Before
and after retirement, I chose self improvement as my arena for bringing about
the passage to more dignity and self worth. This has already happened in weight
loss, overcoming smoking addiction, overcoming call reluctance or lack of
assertiveness in being a salesman, and overcoming writer’s block. Presently I
am working on achieving sobriety because, at age 75, my system can’t handle
alcohol anymore, even a modest glass of wine or two.
In each
of these personal struggles I was striving for a goal that could only be
reached by exercising personal self discipline.
In a word, it was about regulating
my inner life. The literature about willpower and self control has been a major
interest. I was striving for goals that
entailed strenuous inner struggle to accomplish. In some instances, the factors to be
controlled were bodily craves (for nicotine, alcohol, food). In others, it was
fear, doubt, and various negative beliefs. In fact, the beliefs were sometimes
found later to be delusions.
In
some instances, it took me years of striving to accomplish these goals. There was much progress followed by
regression and slipping back to old habits. Over time, there was much success
and failure, back and forth, over and over, trial and error; it was like a
roller coaster ride.
And out of these personal struggles I became
a student of what helps and what hinders struggles for personal change: record
keeping, role models, perspectives, meanings and beliefs, affirmations (didn’t
work for me) gaining self trust or taking one’s own interests and inclinations
seriously, avoiding avoidance or distractions where possible, watching out for
substitute formations that were really escapes and defenses against fear of disapproval,
having confidence, using performative expressions (“I will no longer have second helpings”,
announced to my mate), real reasons vs. nice sounding ones; accountability
partners; group support, and having
strategies in place for dealing with temptation in its various guises.
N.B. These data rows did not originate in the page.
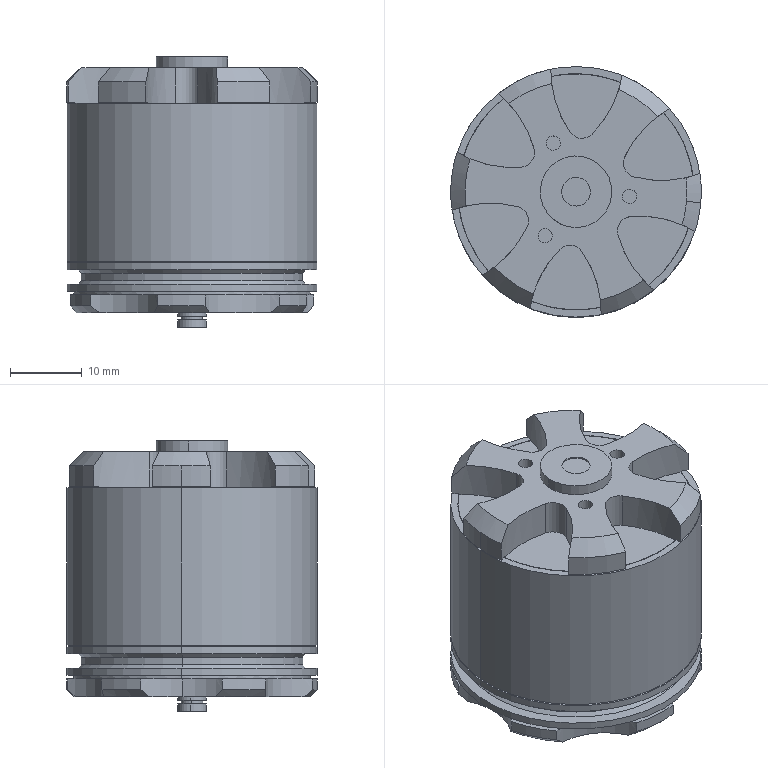Component | SolidWorks | Motor-2 | 1 solid | 175 faces | box 35 x 35 x 37.75 mm | volume 28973 mm3 | cylinder 106 | plane 44 | cone 25 | commonest cylinder face diameters 4 x26 35 x19 2.5 x16 30 x12 18 x7 2 x6 33 x4 16 x4
build123d program:
from build123d import *

# Parameters (mm, degrees)
CUT_EXTRUDE1_DEPTH             = 5
CIRPATTERN1_COUNT              = 6
SKETCH3_R                      = 1
CUT_EXTRUDE2_DEPTH             = 7
CUT_EXTRUDE3_DEPTH             = 5
CIRPATTERN2_COUNT              = 4
CUT_EXTRUDE4_REACH             = 45.481
SKETCH5_R                      = 9
CIRPATTERN3_COUNT              = 6
F_2_5_2_5_DIAMETER_HOLE1_D     = 2.5
F_2_5_2_5_DIAMETER_HOLE1_DEPTH = 8.5
F_2_5_2_5_DIAMETER_HOLE1_TIP   = 0.7511


with BuildPart() as part:
    # Sketch1 → Revolve1 (revolve)
    with BuildSketch(Plane.XY, mode=Mode.PRIVATE) as revolve1_sk:
        Polygon((0, 0), (-2, 0), (-2, 1), (-1.5, 1), (-1.5, 1.5), (-2, 1.5), (-2, 2), (-16.5, 2), (-17.5, 3), (-17.5, 4.5), (-16.5, 4.5), (-16.5, 5), (-17.5, 5), (-17.5, 6), (-16, 6), (-15.5, 6.5), (-15.5, 7.5), (-16, 8), (-17.5, 8), (-17.5, 9), (-7.5, 9), (-7.5, 9.2), (-17.5, 9.2), (-17.5, 31.2), (-16.5, 31.2), (-16.5, 31.4), (-17.5, 31.4), (-17.5, 34.25), (-15.5, 36.25), (-5, 36.25), (-5, 37.75), (-2, 37.75), (-2, 37.55), (0, 37.55), align=None)
    revolve(revolve1_sk.sketch.rotate(Axis((0, 37.55, 0), (0, -1, 0)), 270), axis=Axis((0, 37.55, 0), (0, -1, 0)))

    # Sketch2 → Cut-Extrude1 (cut)
    with BuildSketch(Plane(origin=(0, 36.25, 0), x_dir=(1, 0, 0), z_dir=(0, 1, 0))):
        with BuildLine():
            ThreePointArc((-8.215, -1.532), (-7.5, 0), (-8.215, 1.532))
            ThreePointArc((-8.215, 1.532), (-12.219, 3.941), (-16.771, 5))
            ThreePointArc((-16.771, 5), (-17.5, 0), (-16.771, -5))
            ThreePointArc((-16.771, -5), (-12.219, -3.941), (-8.215, -1.532))
        make_face()
    cut_extrude1 = extrude(amount=-CUT_EXTRUDE1_DEPTH, mode=Mode.SUBTRACT)

    # CirPattern1: Cut-Extrude1 ×6 about axis
    cirpattern1_axis = Axis((0, 0, 0), (0, 1, 0))
    for i in range(1, CIRPATTERN1_COUNT):
        add(cut_extrude1.rotate(cirpattern1_axis, i * 360 / CIRPATTERN1_COUNT), mode=Mode.SUBTRACT)

    # Sketch3 → Cut-Extrude2 (cut)
    with BuildSketch(Plane(origin=(0, 36.25, 0), x_dir=(1, 0, 0), z_dir=(0, 1, 0))):
        with Locations(Location((0, 7.5, 0), (0, 0, 270))):
            Circle(SKETCH3_R)
        with Locations(Location((-6.495, -3.75, 0), (0, 0, 270))):
            Circle(SKETCH3_R)
        with Locations(Location((6.495, -3.75, 0), (0, 0, 270))):
            Circle(SKETCH3_R)
    extrude(amount=-CUT_EXTRUDE2_DEPTH, mode=Mode.SUBTRACT)

    # Sketch4 → Cut-Extrude3 (cut)
    with BuildSketch(Plane.XZ.offset(-2)):
        with BuildLine():
            ThreePointArc((10.392, 6), (8.485, 8.485), (6, 10.392))
            ThreePointArc((6, 10.392), (3.268, 9.66), (4, 6.928))
            ThreePointArc((4, 6.928), (5.657, 5.657), (6.928, 4))
            ThreePointArc((6.928, 4), (9.66, 3.268), (10.392, 6))
        make_face()
    cut_extrude3 = extrude(amount=-CUT_EXTRUDE3_DEPTH, mode=Mode.SUBTRACT)

    # CirPattern2: Cut-Extrude3 ×4 about axis
    cirpattern2_axis = Axis((0, 0, 0), (0, 1, 0))
    for i in range(1, CIRPATTERN2_COUNT):
        add(cut_extrude3.rotate(cirpattern2_axis, i * 360 / CIRPATTERN2_COUNT), mode=Mode.SUBTRACT)

    # Cut-Extrude4: up to this face of the body (flat: up to its plane)
    cut_extrude4_end = Plane(part.part.faces().sort_by_distance((0, 4.5, -17.005))[0])
    # Sketch5 → Cut-Extrude4 (cut, up to the picked face)
    with BuildSketch(Plane.XZ.offset(-2), mode=Mode.PRIVATE) as cut_extrude4_sk1:
        with Locations((0, 23.5)):
            Circle(SKETCH5_R)
    cut_extrude4_tool1 = split(extrude(cut_extrude4_sk1.sketch, amount=-CUT_EXTRUDE4_REACH, mode=Mode.PRIVATE), bisect_by=cut_extrude4_end, keep=Keep.BOTH, mode=Mode.PRIVATE)
    cut_extrude4 = cut_extrude4_tool1.solids().sort_by(Axis((0, 2, 23.5), (0, 1, 0)))[0]
    add(cut_extrude4, mode=Mode.SUBTRACT)

    # CirPattern3: Cut-Extrude4 ×6 about axis
    cirpattern3_axis = Axis((0, 0, 0), (0, 1, 0))
    for i in range(1, CIRPATTERN3_COUNT):
        add(cut_extrude4.rotate(cirpattern3_axis, i * 360 / CIRPATTERN3_COUNT), mode=Mode.SUBTRACT)

    # 2.5 _2.5_ Diameter Hole1
    with Locations(Plane(origin=(0, 2, 12.5), x_dir=(0, 0, -1), z_dir=(0, -1, 0))):
        with Locations((0, 0), (12.5, 9.5), (25, 0), (12.5, -9.5)):
            Hole(F_2_5_2_5_DIAMETER_HOLE1_D / 2, depth=F_2_5_2_5_DIAMETER_HOLE1_DEPTH)
            with Locations((0, 0, -(F_2_5_2_5_DIAMETER_HOLE1_DEPTH + F_2_5_2_5_DIAMETER_HOLE1_TIP / 2))):  # 118° drill point
                Cone(0, F_2_5_2_5_DIAMETER_HOLE1_D / 2, F_2_5_2_5_DIAMETER_HOLE1_TIP, mode=Mode.SUBTRACT)


solid = part.part

# Placed as in the assembly
solid = solid.moved(Location((-179.217, -162.42, 1040.6), (-90, -85, -180)))

Also I became exposed to such notions as SELF DEFEATING INHIBITIONS
(some of which turned out to be unconscious), or the role of unconscious factors
that could delay or subvert change and successful striving. For example, the
unconscious fear of abandonment that undercut initiative; or the fear of
initiating contacts with strangers due to an unconscious fear of embarrassment
and humiliation. This last unconscious
belief turned out to be a delusion. These unconscious factors had to be uncovered
before they could be controlled, or at least the attempt could be made;
frequently, of course, these attempts were met by failure
as’ thought’ alone was insufficient.
In
the course of these struggles I developed certain beliefs, assumptions, and therapeutic
ideologies. And I got therapeutic help from two clinical psychologists who gave
me all sorts of advice and encouragement about how to more effectively reach my
goals.
I used
the technique of journalizing to
help work through these changes, to assist in the self observations that made
change possible so that I came to know what about my I had to change, control
or focus on in order to change.
In review of ‘what I’m really about’, I see
that I can say about myself that I am in combat with fear and temptation, two
of my most familiar inner obstacles which I have sought to control, to overcome
in the process of going for worthiness goals. These are and were core factors in
my strivings for personal development, from ignoble to noble, from bad habits
to health and well being.
I am
the chief audience to my endeavors since mostly I have not shared my struggles
with friends or relatives. Blogging has been a recent addition. And I have self
published two books about my struggles, weight loss and cold call reluctance. Now I am struggling with SOBRIETY which, to this
date, I am losing. However, alcohol is
becoming more and more poisonous to my system, as I keep telling myself. But,
somehow, the wish is not father to the needed change. Moderation has been achieved but not total cessation.
So I am
really about a private struggle for self
rectification to resolve the loss of self confidence and to overcome the
inferiority caused by my upbringing. Sometimes
I think that I don’t have the courage of my convictions, or I don’t have the
courage to go public until I have amazing results to report. This is probably in error and this offering is
in part taken as a corrective measure.
The
take away here: change is fraught with failure but oftentimes ends in success
if you persist long enough. Some tactics
succeed for a time only to fall by the wayside as old habits come back in
play. And, thoughts, especially justifications
and legitimations, don’t always lead to the hoped for change. Intuitions and
feelings tend to be stronger and more reliable sources of positive actions.